Schemas offer many benefits, but requiring them up front adds friction. Data scientists and engineers need to move quickly and iterate without obstacles. To support this, we introduced a centralized schemas repository and built a suite of tools to make authoring schemas as automated and streamlined as possible.
For example, we built a custom proto linter to validate that each schema has the required metadata and conforms to Roblox conventions. We also built a proto plug-in to translate an event schema to Hive data definition language so that the corresponding Hive table stays in sync wherever a schema is created or updated. All these tools are integrated into a CI/CD pipeline and run automatically when a pull request is created. This allows engineers to catch schema issues early and verify events in test Hive tables before their schemas are merged. As a result, deploying a schema to production is as simple as merging.
With a streamlined developer experience in place, we examined where in the ingestion pipeline an event should be schematized and converted to proto. Asking event producers to adopt and send serialized proto bytes would be a significant change spanning multiple teams. To address pain points and deliver value incrementally, we decoupled the schematization effort from the event producers by updating the ingestion backend service to convert incoming events to proto. Now, converted events are collected into parquet files, uploaded to distributed storage, and registered as individual Hive tables.
Real-Time Event Ingestion With Roblox’s Data Centers
Next, we focused on the costs of serving analytics events. Previously, the ingestion backend was built on the cloud infrastructure. Analytics events were sent to a queue service, which buffered and then stored them in durable cloud storage for downstream processing and analysis. While a cloud queue service simplified our service and allowed for transparent scaling, it’s hard to use by other streaming jobs and more expensive. To address this, we explored bringing the ingestion service into Roblox’s data centers.
Our internal storage team had built queue-as-a-service (QaaS), based on an open-source distributed event streaming platform. QaaS is a great replacement for analytic event ingestion because events are tailed in first-in, first-out order and deleted after a short retention period. At Roblox, we create a dedicated topic for each schematized event and use partition count to scale for large event streams. The data team also built a dedicated service to consume from QaaS, build parquet files, and upload the files to durable cloud storage.

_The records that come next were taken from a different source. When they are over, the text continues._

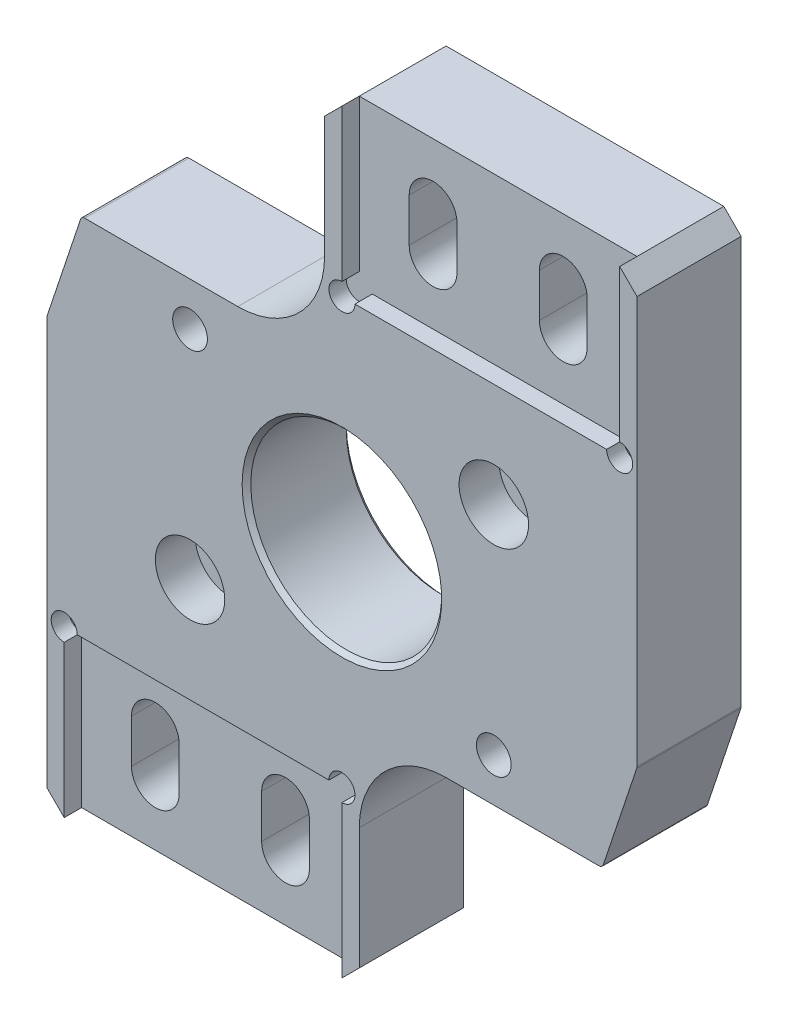
from build123d import *
from OCP.BRepFilletAPI import BRepFilletAPI_MakeChamfer

# Parameters (mm, degrees)
SKETCH1_W                                            = 68
SKETCH1_H                                            = 87
BOSS_EXTRUDE1_DEPTH                                  = 12
SKETCH3_R                                            = 11
SKETCH3_W                                            = 32
SKETCH3_H                                            = 26
CUT_EXTRUDE2_DEPTH                                   = 57.5
CUT_EXTRUDE5_DEPTH                                   = 2
FILLET1_R                                            = 10
CHAMFER1_SIZE                                        = 2
CUT_EXTRUDE6_DEPTH                                   = 57.5
CHAMFER2_SIZE                                        = 12
CHAMFER2_SIZE2                                       = 4
FILLET3_R                                            = 0.5
HOLE_SIZE_BY_SOCKET_HEAD_CAP_SCREW_TYPE1_D           = 4.5
HOLE_SIZE_BY_SOCKET_HEAD_CAP_SCREW_TYPE1_CBORE_D     = 8
HOLE_SIZE_BY_SOCKET_HEAD_CAP_SCREW_TYPE1_CBORE_DEPTH = 4.6
SKETCH15_R                                           = 2
CUT_EXTRUDE4_DEPTH                                   = 25
CHAMFER3_SIZE                                        = 0.5


with BuildPart() as part:
    # Sketch1 → Boss-Extrude1 (new body)
    with BuildSketch(Plane.XY):
        Rectangle(SKETCH1_W, SKETCH1_H)
    extrude(amount=BOSS_EXTRUDE1_DEPTH)

    # Sketch3 → Cut-Extrude2 (cut, through all)
    with BuildSketch(Plane.XY.offset(12)):
        Circle(SKETCH3_R)
        with Locations((-18, 30.5)):
            Rectangle(SKETCH3_W, SKETCH3_H)
        with Locations((18, -30.5)):
            Rectangle(SKETCH3_W, SKETCH3_H)
    extrude(amount=-CUT_EXTRUDE2_DEPTH, mode=Mode.SUBTRACT)

    # Sketch16 → Cut-Extrude5 (cut)
    with BuildSketch(Plane.XY.offset(12)):
        with BuildLine():
            Line((0, -43.5), (-32, -43.5))
            Line((-32, -43.5), (-32, -26))
            ThreePointArc((-32, -26), (-33.060660172, -23.439339828), (-30.5, -24.5))
            Line((-30.5, -24.5), (-1.5, -24.5))
            ThreePointArc((-1.5, -24.5), (1.060660172, -23.439339828), (0, -26))
            Line((0, -26), (0, -43.5))
        make_face()
        with BuildLine():
            Line((32, 43.5), (0, 43.5))
            Line((0, 43.5), (0, 26))
            ThreePointArc((0, 26), (-1.060660172, 23.439339828), (1.5, 24.5))
            Line((1.5, 24.5), (30.5, 24.5))
            ThreePointArc((30.5, 24.5), (33.060660172, 23.439339828), (32, 26))
            Line((32, 26), (32, 43.5))
        make_face()
    extrude(amount=-CUT_EXTRUDE5_DEPTH, mode=Mode.SUBTRACT)

    # Fillet1
    fillet1_edges = [part.edges().sort_by_distance(p)[0] for p in [
        (-2, 17.5, 6),
        (2, -17.5, 6),
    ]]
    fillet(fillet1_edges, radius=FILLET1_R)

    # Chamfer1
    chamfer1_edges = [part.edges().sort_by_distance(p)[0] for p in [
        (-34, -43.5, 6),
        (2, -43.5, 6),
        (34, 43.5, 6),
        (-2, 43.5, 6),
    ]]
    chamfer(chamfer1_edges, length=CHAMFER1_SIZE)

    # Sketch17 → Cut-Extrude6 (cut, through all)
    with BuildSketch(Plane(origin=(0, 0, 0), x_dir=(-1, 0, 0), z_dir=(0, 0, -1))):
        with BuildLine():
            Line((-20.75, 36.5), (-20.75, 31.5))
            ThreePointArc((-20.75, 31.5), (-23.5, 28.75), (-26.25, 31.5))
            Line((-26.25, 31.5), (-26.25, 36.5))
            ThreePointArc((-26.25, 36.5), (-23.5, 39.25), (-20.75, 36.5))
        make_face()
        with BuildLine():
            Line((-5.75, 36.5), (-5.75, 31.5))
            ThreePointArc((-5.75, 31.5), (-8.5, 28.75), (-11.25, 31.5))
            Line((-11.25, 31.5), (-11.25, 36.5))
            ThreePointArc((-11.25, 36.5), (-8.5, 39.25), (-5.75, 36.5))
        make_face()
        with BuildLine():
            Line((26.25, -31.5), (26.25, -36.5))
            ThreePointArc((26.25, -36.5), (23.5, -39.25), (20.75, -36.5))
            Line((20.75, -36.5), (20.75, -31.5))
            ThreePointArc((20.75, -31.5), (23.5, -28.75), (26.25, -31.5))
        make_face()
        with BuildLine():
            Line((11.25, -31.5), (11.25, -36.5))
            ThreePointArc((11.25, -36.5), (8.5, -39.25), (5.75, -36.5))
            Line((5.75, -36.5), (5.75, -31.5))
            ThreePointArc((5.75, -31.5), (8.5, -28.75), (11.25, -31.5))
        make_face()
    extrude(amount=-CUT_EXTRUDE6_DEPTH, mode=Mode.SUBTRACT)

    # Chamfer2: one chamfer whose edges measure the first distance from different faces: ONE call of the kernel's chamfer builder (chamfer() names one face for all edges)
    chamfer2_edges_1 = [part.edges().sort_by_distance(p)[0] for p in [
        (-34, 17.5, 6),
    ]]
    chamfer2_side_1 = [part.faces().sort_by_distance(p)[0] for p in [
        (-34, -12, 6),
    ]]
    chamfer2_edges_2 = [part.edges().sort_by_distance(p)[0] for p in [
        (34, -17.5, 6),
    ]]
    chamfer2_side_2 = [part.faces().sort_by_distance(p)[0] for p in [
        (34, 12, 6),
    ]]
    chamfer2 = BRepFilletAPI_MakeChamfer(part.part.solid().wrapped)
    for e in chamfer2_edges_1:
        chamfer2.Add(CHAMFER2_SIZE, CHAMFER2_SIZE2, e.wrapped, chamfer2_side_1[0].wrapped)  # the first distance lies on this face
    for e in chamfer2_edges_2:
        chamfer2.Add(CHAMFER2_SIZE, CHAMFER2_SIZE2, e.wrapped, chamfer2_side_2[0].wrapped)  # the first distance lies on this face
    add(Compound.cast(chamfer2.Shape()), mode=Mode.REPLACE)

    # Fillet3
    fillet3_edges = [part.edges().sort_by_distance(p)[0] for p in [
        (30, -17.5, 6),
        (34, -5.5, 6),
        (-30, 17.5, 6),
        (-34, 5.5, 6),
    ]]
    fillet(fillet3_edges, radius=FILLET3_R)

    # Hole size by socket head cap screw type1 (through all)
    with Locations(Plane.XY.offset(12)):
        with Locations((17.5, 12.5), (-17.5, -12.5)):
            CounterBoreHole(HOLE_SIZE_BY_SOCKET_HEAD_CAP_SCREW_TYPE1_D / 2, HOLE_SIZE_BY_SOCKET_HEAD_CAP_SCREW_TYPE1_CBORE_D / 2, HOLE_SIZE_BY_SOCKET_HEAD_CAP_SCREW_TYPE1_CBORE_DEPTH)

    # Sketch15 → Cut-Extrude4 (cut)
    with BuildSketch(Plane.XY.offset(12)):
        with Locations((17.5, -12.5)):
            Circle(SKETCH15_R)
        with Locations((-17.5, 12.5)):
            Circle(SKETCH15_R)
    extrude(amount=-CUT_EXTRUDE4_DEPTH, mode=Mode.SUBTRACT)

    # Chamfer3
    chamfer3_edges = [part.edges().sort_by_distance(p)[0] for p in [
        (-11, 0, 0),
        (-11, 0, 12),
    ]]
    chamfer(chamfer3_edges, length=CHAMFER3_SIZE)


solid = part.part

With QaaS in place and a dedicated service for building and storing parquet files, the data team performed shadow writes for six months to validate both data correctness and scalability. Finally, after extensive data completeness and integrity checks, we successfully migrated the analytic events ingestion off of our old cloud queue service. This was a major milestone. We removed the cloud resource cost from the ingestion path and significantly reduced the latency between an event firing and landing in our data lake. We previously had a service-level agreement of three hours, which we often missed—today, we’re consistently hitting an average of 15 minutes.
Progress and Future Work
With a modernized ingestion infrastructure, we’re able to process more events at better unit economics. This enables us to ingest and manage more than 2 trillion analytics events per day, which was unimaginable three years ago. Our QaaS-based ingestion infrastructure serves as a foundation for further improvements, such as streaming-as-a-service.
This allows engineers to write real-time event processing pipelines against schematized events by consuming from QaaS to power safety and real-time recommendation features. We also launched change data capture with the same schematization framework and QaaS ingestion, largely eliminating full database dumps. From real-time analytics and event streaming to unlocking new use cases, our work continues as we innovate and build smarter, faster, more cost-efficient data systems at scale.
We would like to thank Paul Mou for his valuable contributions to this work.
* As of the three months ended March 31, 2025.